By Ford Mays - April 13, 2021

Tuttle’s Topics

This is the final installment of a multi-part series of blogs that discusses feedback loop control design concepts, analytical methods and tradeoffs. Although we will use power supply examples, the concepts (as Dean Venable oft reminds us) apply to all servo loops. We have done this with a minimum of math, and focused on developing an intuitive understanding of system behavior. In the final installment, we summarize the concepts used to close the loop and achieve desired design behavior.

“Wrapping Up”

In previous installments, we have discussed graphical analytical methods, how and why the system responds the way it does, and how feedback affects the closed loop performance. In this installment, we will review all the pieces of the puzzle and how they fit together. We started with graphical analysis and how the any system can be observed in both the time domain (transient response) and frequency domain (Bode plot). Examples of both are shown below (Figure 1.) 

System Transient Response

Bode PlotFigure 1. System Transient Response (top) and Bode plot (bottom)

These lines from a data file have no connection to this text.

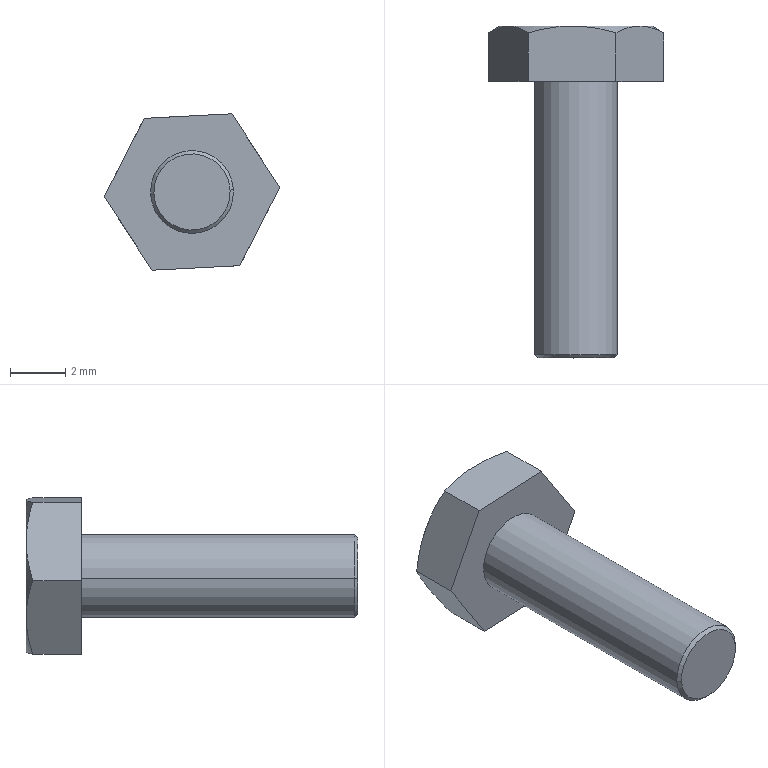Component | SolidWorks | TRCBASHexagonThroughHoleBolt[TRCBAS3-10]-1 | 1 solid | 20 faces | box 6.34 x 12 x 5.66 mm | volume 123 mm3 | cone 9 | plane 9 | cylinder 2 | commonest cylinder face diameters 3 x2
STEP:
#1=COLOUR_RGB('',0.7922,0.8196,0.9333);
#2=FILL_AREA_STYLE_COLOUR('',#1);
#3=FILL_AREA_STYLE('',(#2));
#4=SURFACE_STYLE_FILL_AREA(#3);
#5=SURFACE_SIDE_STYLE('',(#4));
#6=SURFACE_STYLE_USAGE(.BOTH.,#5);
#7=PRESENTATION_STYLE_ASSIGNMENT((#6));
#8=CARTESIAN_POINT('',(2.505,-3.607,-10.617));
#9=VERTEX_POINT('',#8);
#10=CARTESIAN_POINT('',(2.397,-3.607,-10.623));
#11=VERTEX_POINT('',#10);
#12=CARTESIAN_POINT('',(2.451,-3.607,-10.62));
#13=DIRECTION('',(0.,-1.,-0.));
#14=DIRECTION('',(0.9987,0.,0.05162));
#15=AXIS2_PLACEMENT_3D('',#12,#13,#14);
#16=CIRCLE('',#15,0.05433);
#17=EDGE_CURVE('',#9,#11,#16,.T.);
#18=ORIENTED_EDGE('',*,*,#17,.F.);
#19=CARTESIAN_POINT('',(2.51,-3.602,-10.617));
#20=VERTEX_POINT('',#19);
#21=CARTESIAN_POINT('',(2.51,-3.602,-10.617));
#22=DIRECTION('',(0.7062,0.7071,0.0365));
#23=VECTOR('',#22,39.37);
#24=LINE('',#21,#23);
#25=EDGE_CURVE('',#9,#20,#24,.T.);
#26=ORIENTED_EDGE('',*,*,#25,.T.);
#27=CARTESIAN_POINT('',(2.392,-3.602,-10.623));
#28=VERTEX_POINT('',#27);
#29=CARTESIAN_POINT('',(2.451,-3.602,-10.62));
#30=DIRECTION('',(-0.,1.,-0.));
#31=DIRECTION('',(0.9987,0.,0.05162));
#32=AXIS2_PLACEMENT_3D('',#29,#30,#31);
#33=CIRCLE('',#32,0.05906);
#34=EDGE_CURVE('',#28,#20,#33,.T.);
#35=ORIENTED_EDGE('',*,*,#34,.F.);
#36=CARTESIAN_POINT('',(2.392,-3.602,-10.623));
#37=DIRECTION('',(-0.7062,0.7071,-0.0365));
#38=VECTOR('',#37,39.37);
#39=LINE('',#36,#38);
#40=EDGE_CURVE('',#11,#28,#39,.T.);
#41=ORIENTED_EDGE('',*,*,#40,.F.);
#42=EDGE_LOOP('',(#18,#26,#35,#41));
#43=FACE_OUTER_BOUND('',#42,.T.);
#44=CARTESIAN_POINT('',(2.451,-3.602,-10.62));
#45=DIRECTION('',(-0.,1.,-0.));
#46=DIRECTION('',(-0.9987,0.,-0.05162));
#47=AXIS2_PLACEMENT_3D('',#44,#45,#46);
#48=CONICAL_SURFACE('',#47,0.05906,0.7854);
#49=ADVANCED_FACE('',(#43),#48,.T.);
#50=CARTESIAN_POINT('',(2.559,-3.134,-10.614));
#51=VERTEX_POINT('',#50);
#52=CARTESIAN_POINT('',(2.547,-3.134,-10.669));
#53=VERTEX_POINT('',#52);
#54=CARTESIAN_POINT('',(2.451,-3.134,-10.62));
#55=DIRECTION('',(-0.,1.,0.));
#56=DIRECTION('',(-0.9987,0.,-0.05162));
#57=AXIS2_PLACEMENT_3D('',#54,#55,#56);
#58=CIRCLE('',#57,0.1083);
#59=EDGE_CURVE('',#51,#53,#58,.T.);
#60=ORIENTED_EDGE('',*,*,#59,.F.);
#61=CARTESIAN_POINT('',(2.576,-3.144,-10.614));
#62=VERTEX_POINT('',#61);
#63=CARTESIAN_POINT('',(2.559,-3.134,-10.614));
#64=DIRECTION('',(0.8649,-0.5,0.0447));
#65=VECTOR('',#64,39.37);
#66=LINE('',#63,#65);
#67=EDGE_CURVE('',#51,#62,#66,.T.);
#68=ORIENTED_EDGE('',*,*,#67,.T.);
#69=CARTESIAN_POINT('',(2.547,-3.134,-10.669));
#70=CARTESIAN_POINT('',(2.552,-3.134,-10.66));
#71=CARTESIAN_POINT('',(2.557,-3.135,-10.65));
#72=CARTESIAN_POINT('',(2.567,-3.138,-10.632));
#73=CARTESIAN_POINT('',(2.571,-3.141,-10.623));
#74=CARTESIAN_POINT('',(2.576,-3.144,-10.614));
#75=B_SPLINE_CURVE_WITH_KNOTS('',3,(#69,#70,#71,#72,#73,#74),.UNSPECIFIED.,.F.,.F.,(4,2,4),(0.001607,0.002407,0.003207),.UNSPECIFIED.);
#76=EDGE_CURVE('',#53,#62,#75,.T.);
#77=ORIENTED_EDGE('',*,*,#76,.F.);
#78=EDGE_LOOP('',(#60,#68,#77));
#79=FACE_OUTER_BOUND('',#78,.T.);
#80=CARTESIAN_POINT('',(2.451,-3.134,-10.62));
#81=DIRECTION('',(0.,-1.,-0.));
#82=DIRECTION('',(0.9987,0.,0.05162));
#83=AXIS2_PLACEMENT_3D('',#80,#81,#82);
#84=CONICAL_SURFACE('',#83,0.1083,1.047);
#85=ADVANCED_FACE('',(#79),#84,.T.);
#86=ORIENTED_EDGE('',*,*,#34,.T.);
#87=CARTESIAN_POINT('',(2.51,-3.213,-10.617));
#88=VERTEX_POINT('',#87);
#89=CARTESIAN_POINT('',(2.51,-3.134,-10.617));
#90=DIRECTION('',(-0.,1.,0.));
#91=VECTOR('',#90,39.37);
#92=LINE('',#89,#91);
#93=EDGE_CURVE('',#20,#88,#92,.T.);
#94=ORIENTED_EDGE('',*,*,#93,.T.);
#95=CARTESIAN_POINT('',(2.392,-3.213,-10.623));
#96=VERTEX_POINT('',#95);
#97=CARTESIAN_POINT('',(2.451,-3.213,-10.62));
#98=DIRECTION('',(-0.,1.,0.));
#99=DIRECTION('',(-0.9987,0.,-0.05162));
#100=AXIS2_PLACEMENT_3D('',#97,#98,#99);
#101=CIRCLE('',#100,0.05906);
#102=EDGE_CURVE('',#96,#88,#101,.T.);
#103=ORIENTED_EDGE('',*,*,#102,.F.);
#104=CARTESIAN_POINT('',(2.392,-3.134,-10.623));
#105=DIRECTION('',(-0.,1.,0.));
#106=VECTOR('',#105,39.37);
#107=LINE('',#104,#106);
#108=EDGE_CURVE('',#28,#96,#107,.T.);
#109=ORIENTED_EDGE('',*,*,#108,.F.);
#110=EDGE_LOOP('',(#86,#94,#103,#109));
#111=FACE_OUTER_BOUND('',#110,.T.);
#112=CARTESIAN_POINT('',(2.451,-3.134,-10.62));
#113=DIRECTION('',(-0.,1.,0.));
#114=DIRECTION('',(-0.9987,0.,-0.05162));
#115=AXIS2_PLACEMENT_3D('',#112,#113,#114);
#116=CYLINDRICAL_SURFACE('',#115,0.05906);
#117=ADVANCED_FACE('',(#111),#116,.T.);
#118=CARTESIAN_POINT('',(2.576,-3.213,-10.614));
#119=VERTEX_POINT('',#118);
#120=CARTESIAN_POINT('',(2.576,-3.213,-10.614));
#121=DIRECTION('',(-0.,1.,0.));
#122=VECTOR('',#121,39.37);
#123=LINE('',#120,#122);
#124=EDGE_CURVE('',#119,#62,#123,.T.);
#125=ORIENTED_EDGE('',*,*,#124,.T.);
#126=CARTESIAN_POINT('',(2.542,-3.134,-10.561));
#127=VERTEX_POINT('',#126);
#128=CARTESIAN_POINT('',(2.576,-3.144,-10.614));
#129=CARTESIAN_POINT('',(2.565,-3.138,-10.596));
#130=CARTESIAN_POINT('',(2.553,-3.134,-10.579));
#131=CARTESIAN_POINT('',(2.542,-3.134,-10.561));
#132=B_SPLINE_CURVE_WITH_KNOTS('',3,(#128,#129,#130,#131),.UNSPECIFIED.,.F.,.F.,(4,4),(0.00000024,0.001607),.UNSPECIFIED.);
#133=EDGE_CURVE('',#62,#127,#132,.T.);
#134=ORIENTED_EDGE('',*,*,#133,.T.);
#135=CARTESIAN_POINT('',(2.508,-3.144,-10.509));
#136=VERTEX_POINT('',#135);
#137=CARTESIAN_POINT('',(2.542,-3.134,-10.561));
#138=CARTESIAN_POINT('',(2.536,-3.134,-10.552));
#139=CARTESIAN_POINT('',(2.53,-3.135,-10.543));
#140=CARTESIAN_POINT('',(2.519,-3.138,-10.526));
#141=CARTESIAN_POINT('',(2.513,-3.141,-10.517));
#142=CARTESIAN_POINT('',(2.508,-3.144,-10.509));
#143=B_SPLINE_CURVE_WITH_KNOTS('',3,(#137,#138,#139,#140,#141,#142),.UNSPECIFIED.,.F.,.F.,(4,2,4),(0.001607,0.002407,0.003207),.UNSPECIFIED.);
#144=EDGE_CURVE('',#127,#136,#143,.T.);
#145=ORIENTED_EDGE('',*,*,#144,.T.);
#146=CARTESIAN_POINT('',(2.508,-3.213,-10.509));
#147=VERTEX_POINT('',#146);
#148=CARTESIAN_POINT('',(2.508,-3.213,-10.509));
#149=DIRECTION('',(-0.,1.,0.));
#150=VECTOR('',#149,39.37);
#151=LINE('',#148,#150);
#152=EDGE_CURVE('',#147,#136,#151,.T.);
#153=ORIENTED_EDGE('',*,*,#152,.F.);
#154=CARTESIAN_POINT('',(2.508,-3.213,-10.509));
#155=DIRECTION('',(0.544,0.,-0.8391));
#156=VECTOR('',#155,39.37);
#157=LINE('',#154,#156);
#158=EDGE_CURVE('',#147,#119,#157,.T.);
#159=ORIENTED_EDGE('',*,*,#158,.T.);
#160=EDGE_LOOP('',(#125,#134,#145,#153,#159));
#161=FACE_OUTER_BOUND('',#160,.T.);
#162=CARTESIAN_POINT('',(2.508,-3.213,-10.509));
#163=DIRECTION('',(0.8391,0.,0.544));
#164=DIRECTION('',(0.544,0.,-0.8391));
#165=AXIS2_PLACEMENT_3D('',#162,#163,#164);
#166=PLANE('',#165);
#167=ADVANCED_FACE('',(#161),#166,.T.);
#168=ORIENTED_EDGE('',*,*,#152,.T.);
#169=CARTESIAN_POINT('',(2.445,-3.134,-10.512));
#170=VERTEX_POINT('',#169);
#171=CARTESIAN_POINT('',(2.508,-3.144,-10.509));
#172=CARTESIAN_POINT('',(2.498,-3.141,-10.509));
#173=CARTESIAN_POINT('',(2.488,-3.139,-10.51));
#174=CARTESIAN_POINT('',(2.467,-3.135,-10.511));
#175=CARTESIAN_POINT('',(2.456,-3.134,-10.511));
#176=CARTESIAN_POINT('',(2.445,-3.134,-10.512));
#177=B_SPLINE_CURVE_WITH_KNOTS('',3,(#171,#172,#173,#174,#175,#176),.UNSPECIFIED.,.F.,.F.,(4,2,4),(0.008159,0.008963,0.009767),.UNSPECIFIED.);
#178=EDGE_CURVE('',#136,#170,#177,.T.);
#179=ORIENTED_EDGE('',*,*,#178,.T.);
#180=CARTESIAN_POINT('',(2.383,-3.144,-10.515));
#181=VERTEX_POINT('',#180);
#182=CARTESIAN_POINT('',(2.445,-3.134,-10.512));
#183=CARTESIAN_POINT('',(2.435,-3.134,-10.513));
#184=CARTESIAN_POINT('',(2.424,-3.135,-10.513));
#185=CARTESIAN_POINT('',(2.404,-3.138,-10.514));
#186=CARTESIAN_POINT('',(2.393,-3.141,-10.515));
#187=CARTESIAN_POINT('',(2.383,-3.144,-10.515));
#188=B_SPLINE_CURVE_WITH_KNOTS('',3,(#182,#183,#184,#185,#186,#187),.UNSPECIFIED.,.F.,.F.,(4,2,4),(0.009767,0.01057,0.01137),.UNSPECIFIED.);
#189=EDGE_CURVE('',#170,#181,#188,.T.);
#190=ORIENTED_EDGE('',*,*,#189,.T.);
#191=CARTESIAN_POINT('',(2.383,-3.213,-10.515));
#192=VERTEX_POINT('',#191);
#193=CARTESIAN_POINT('',(2.383,-3.213,-10.515));
#194=DIRECTION('',(-0.,1.,0.));
#195=VECTOR('',#194,39.37);
#196=LINE('',#193,#195);
#197=EDGE_CURVE('',#192,#181,#196,.T.);
#198=ORIENTED_EDGE('',*,*,#197,.F.);
#199=CARTESIAN_POINT('',(2.383,-3.213,-10.515));
#200=DIRECTION('',(0.9987,0.,0.05162));
#201=VECTOR('',#200,39.37);
#202=LINE('',#199,#201);
#203=EDGE_CURVE('',#192,#147,#202,.T.);
#204=ORIENTED_EDGE('',*,*,#203,.T.);
#205=EDGE_LOOP('',(#168,#179,#190,#198,#204));
#206=FACE_OUTER_BOUND('',#205,.T.);
#207=CARTESIAN_POINT('',(2.383,-3.213,-10.515));
#208=DIRECTION('',(-0.05162,-0.,0.9987));
#209=DIRECTION('',(0.9987,-0.,0.05162));
#210=AXIS2_PLACEMENT_3D('',#207,#208,#209);
#211=PLANE('',#210);
#212=ADVANCED_FACE('',(#206),#211,.T.);
#213=ORIENTED_EDGE('',*,*,#197,.T.);
#214=CARTESIAN_POINT('',(2.355,-3.134,-10.571));
#215=VERTEX_POINT('',#214);
#216=CARTESIAN_POINT('',(2.383,-3.144,-10.515));
#217=CARTESIAN_POINT('',(2.374,-3.138,-10.533));
#218=CARTESIAN_POINT('',(2.364,-3.134,-10.552));
#219=CARTESIAN_POINT('',(2.355,-3.134,-10.571));
#220=B_SPLINE_CURVE_WITH_KNOTS('',3,(#216,#217,#218,#219),.UNSPECIFIED.,.F.,.F.,(4,4),(0.00000024,0.001607),.UNSPECIFIED.);
#221=EDGE_CURVE('',#181,#215,#220,.T.);
#222=ORIENTED_EDGE('',*,*,#221,.T.);
#223=CARTESIAN_POINT('',(2.326,-3.144,-10.627));
#224=VERTEX_POINT('',#223);
#225=CARTESIAN_POINT('',(2.355,-3.134,-10.571));
#226=CARTESIAN_POINT('',(2.35,-3.134,-10.58));
#227=CARTESIAN_POINT('',(2.345,-3.135,-10.59));
#228=CARTESIAN_POINT('',(2.336,-3.138,-10.608));
#229=CARTESIAN_POINT('',(2.331,-3.141,-10.617));
#230=CARTESIAN_POINT('',(2.326,-3.144,-10.627));
#231=B_SPLINE_CURVE_WITH_KNOTS('',3,(#225,#226,#227,#228,#229,#230),.UNSPECIFIED.,.F.,.F.,(4,2,4),(0.001607,0.002407,0.003207),.UNSPECIFIED.);
#232=EDGE_CURVE('',#215,#224,#231,.T.);
#233=ORIENTED_EDGE('',*,*,#232,.T.);
#234=CARTESIAN_POINT('',(2.326,-3.213,-10.627));
#235=VERTEX_POINT('',#234);
#236=CARTESIAN_POINT('',(2.326,-3.213,-10.627));
#237=DIRECTION('',(-0.,1.,0.));
#238=VECTOR('',#237,39.37);
#239=LINE('',#236,#238);
#240=EDGE_CURVE('',#235,#224,#239,.T.);
#241=ORIENTED_EDGE('',*,*,#240,.F.);
#242=CARTESIAN_POINT('',(2.326,-3.213,-10.627));
#243=DIRECTION('',(0.4546,0.,0.8907));
#244=VECTOR('',#243,39.37);
#245=LINE('',#242,#244);
#246=EDGE_CURVE('',#235,#192,#245,.T.);
#247=ORIENTED_EDGE('',*,*,#246,.T.);
#248=EDGE_LOOP('',(#213,#222,#233,#241,#247));
#249=FACE_OUTER_BOUND('',#248,.T.);
#250=CARTESIAN_POINT('',(2.326,-3.213,-10.627));
#251=DIRECTION('',(-0.8907,-0.,0.4546));
#252=DIRECTION('',(0.4546,-0.,0.8907));
#253=AXIS2_PLACEMENT_3D('',#250,#251,#252);
#254=PLANE('',#253);
#255=ADVANCED_FACE('',(#249),#254,.T.);
#256=ORIENTED_EDGE('',*,*,#240,.T.);
#257=CARTESIAN_POINT('',(2.36,-3.134,-10.679));
#258=VERTEX_POINT('',#257);
#259=CARTESIAN_POINT('',(2.326,-3.144,-10.627));
#260=CARTESIAN_POINT('',(2.337,-3.138,-10.644));
#261=CARTESIAN_POINT('',(2.349,-3.134,-10.661));
#262=CARTESIAN_POINT('',(2.36,-3.134,-10.679));
#263=B_SPLINE_CURVE_WITH_KNOTS('',3,(#259,#260,#261,#262),.UNSPECIFIED.,.F.,.F.,(4,4),(0.00000024,0.001607),.UNSPECIFIED.);
#264=EDGE_CURVE('',#224,#258,#263,.T.);
#265=ORIENTED_EDGE('',*,*,#264,.T.);
#266=CARTESIAN_POINT('',(2.394,-3.144,-10.731));
#267=VERTEX_POINT('',#266);
#268=CARTESIAN_POINT('',(2.36,-3.134,-10.679));
#269=CARTESIAN_POINT('',(2.366,-3.134,-10.688));
#270=CARTESIAN_POINT('',(2.372,-3.135,-10.697));
#271=CARTESIAN_POINT('',(2.383,-3.138,-10.714));
#272=CARTESIAN_POINT('',(2.389,-3.141,-10.723));
#273=CARTESIAN_POINT('',(2.394,-3.144,-10.731));
#274=B_SPLINE_CURVE_WITH_KNOTS('',3,(#268,#269,#270,#271,#272,#273),.UNSPECIFIED.,.F.,.F.,(4,2,4),(0.001607,0.002407,0.003207),.UNSPECIFIED.);
#275=EDGE_CURVE('',#258,#267,#274,.T.);
#276=ORIENTED_EDGE('',*,*,#275,.T.);
#277=CARTESIAN_POINT('',(2.394,-3.213,-10.731));
#278=VERTEX_POINT('',#277);
#279=CARTESIAN_POINT('',(2.394,-3.213,-10.731));
#280=DIRECTION('',(-0.,1.,0.));
#281=VECTOR('',#280,39.37);
#282=LINE('',#279,#281);
#283=EDGE_CURVE('',#278,#267,#282,.T.);
#284=ORIENTED_EDGE('',*,*,#283,.F.);
#285=CARTESIAN_POINT('',(2.394,-3.213,-10.731));
#286=DIRECTION('',(-0.544,-0.,0.8391));
#287=VECTOR('',#286,39.37);
#288=LINE('',#285,#287);
#289=EDGE_CURVE('',#278,#235,#288,.T.);
#290=ORIENTED_EDGE('',*,*,#289,.T.);
#291=EDGE_LOOP('',(#256,#265,#276,#284,#290));
#292=FACE_OUTER_BOUND('',#291,.T.);
#293=CARTESIAN_POINT('',(2.394,-3.213,-10.731));
#294=DIRECTION('',(-0.8391,-0.,-0.544));
#295=DIRECTION('',(-0.544,-0.,0.8391));
#296=AXIS2_PLACEMENT_3D('',#293,#294,#295);
#297=PLANE('',#296);
#298=ADVANCED_FACE('',(#292),#297,.T.);
#299=ORIENTED_EDGE('',*,*,#283,.T.);
#300=CARTESIAN_POINT('',(2.457,-3.134,-10.728));
#301=VERTEX_POINT('',#300);
#302=CARTESIAN_POINT('',(2.394,-3.144,-10.731));
#303=CARTESIAN_POINT('',(2.404,-3.141,-10.731));
#304=CARTESIAN_POINT('',(2.415,-3.138,-10.73));
#305=CARTESIAN_POINT('',(2.436,-3.135,-10.729));
#306=CARTESIAN_POINT('',(2.446,-3.134,-10.729));
#307=CARTESIAN_POINT('',(2.457,-3.134,-10.728));
#308=B_SPLINE_CURVE_WITH_KNOTS('',3,(#302,#303,#304,#305,#306,#307),.UNSPECIFIED.,.F.,.F.,(4,2,4),(0.002918,0.003721,0.004525),.UNSPECIFIED.);
#309=EDGE_CURVE('',#267,#301,#308,.T.);
#310=ORIENTED_EDGE('',*,*,#309,.T.);
#311=CARTESIAN_POINT('',(2.519,-3.144,-10.725));
#312=VERTEX_POINT('',#311);
#313=CARTESIAN_POINT('',(2.457,-3.134,-10.728));
#314=CARTESIAN_POINT('',(2.467,-3.134,-10.728));
#315=CARTESIAN_POINT('',(2.478,-3.135,-10.727));
#316=CARTESIAN_POINT('',(2.499,-3.139,-10.726));
#317=CARTESIAN_POINT('',(2.509,-3.141,-10.725));
#318=CARTESIAN_POINT('',(2.519,-3.144,-10.725));
#319=B_SPLINE_CURVE_WITH_KNOTS('',3,(#313,#314,#315,#316,#317,#318),.UNSPECIFIED.,.F.,.F.,(4,2,4),(0.004525,0.005329,0.006133),.UNSPECIFIED.);
#320=EDGE_CURVE('',#301,#312,#319,.T.);
#321=ORIENTED_EDGE('',*,*,#320,.T.);
#322=CARTESIAN_POINT('',(2.519,-3.213,-10.725));
#323=VERTEX_POINT('',#322);
#324=CARTESIAN_POINT('',(2.519,-3.213,-10.725));
#325=DIRECTION('',(-0.,1.,0.));
#326=VECTOR('',#325,39.37);
#327=LINE('',#324,#326);
#328=EDGE_CURVE('',#323,#312,#327,.T.);
#329=ORIENTED_EDGE('',*,*,#328,.F.);
#330=CARTESIAN_POINT('',(2.519,-3.213,-10.725));
#331=DIRECTION('',(-0.9987,-0.,-0.05162));
#332=VECTOR('',#331,39.37);
#333=LINE('',#330,#332);
#334=EDGE_CURVE('',#323,#278,#333,.T.);
#335=ORIENTED_EDGE('',*,*,#334,.T.);
#336=EDGE_LOOP('',(#299,#310,#321,#329,#335));
#337=FACE_OUTER_BOUND('',#336,.T.);
#338=CARTESIAN_POINT('',(2.519,-3.213,-10.725));
#339=DIRECTION('',(0.05162,0.,-0.9987));
#340=DIRECTION('',(-0.9987,0.,-0.05162));
#341=AXIS2_PLACEMENT_3D('',#338,#339,#340);
#342=PLANE('',#341);
#343=ADVANCED_FACE('',(#337),#342,.T.);
#344=ORIENTED_EDGE('',*,*,#328,.T.);
#345=CARTESIAN_POINT('',(2.519,-3.144,-10.725));
#346=CARTESIAN_POINT('',(2.528,-3.138,-10.707));
#347=CARTESIAN_POINT('',(2.538,-3.134,-10.688));
#348=CARTESIAN_POINT('',(2.547,-3.134,-10.669));
#349=B_SPLINE_CURVE_WITH_KNOTS('',3,(#345,#346,#347,#348),.UNSPECIFIED.,.F.,.F.,(4,4),(0.00000024,0.001607),.UNSPECIFIED.);
#350=EDGE_CURVE('',#312,#53,#349,.T.);
#351=ORIENTED_EDGE('',*,*,#350,.T.);
#352=ORIENTED_EDGE('',*,*,#76,.T.);
#353=ORIENTED_EDGE('',*,*,#124,.F.);
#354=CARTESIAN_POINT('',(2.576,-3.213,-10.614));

Both graphs represent the same system, but the Bode plot can reveal the why. All systems are a collection of poles and zeros (mathematical concepts) that are a result of real-world characteristics. A closed loop system with negative feedback can be divided into the plant (modulator in power supply terms) and compensation (feedback). Understanding the plant’s behavior is the first step in implementing the proper feedback. In our power supply example, the poles and zeros resulted from the arrangement (topology) of the electronic components and their parasitics. We do have choices regarding topologies and components, but those choices are somewhat limited by the overall function of the plant (the plant has to implement our desired function).

The interesting aspect (the fun part) of compensation is implementing additional poles and zeroes so that the system (plant + compensation) has the desired behavior. How many poles and zeroes and where to put them is easily determined by the K Factor analysis. The analysis allows us manipulate the closed loop performance (often referred to as the “loop gain”) to achieve the desired behavior, expressed in terms of gain and phase (which are revealed in a Bode plot). In the time domain we can go from this (Figure 2.),

Transient Response (30mVdiv, 8mSdiv)
To this (Figure 3.).

Transient Response (5mVdiv, 1.6mSdiv).

For a deeper dive into understanding the concepts of frequency domain analysis and compensation, please see Wayne Tuttle’s paper, "Relating Converter Transient Response Characteristics to Feedback Loop Control Design."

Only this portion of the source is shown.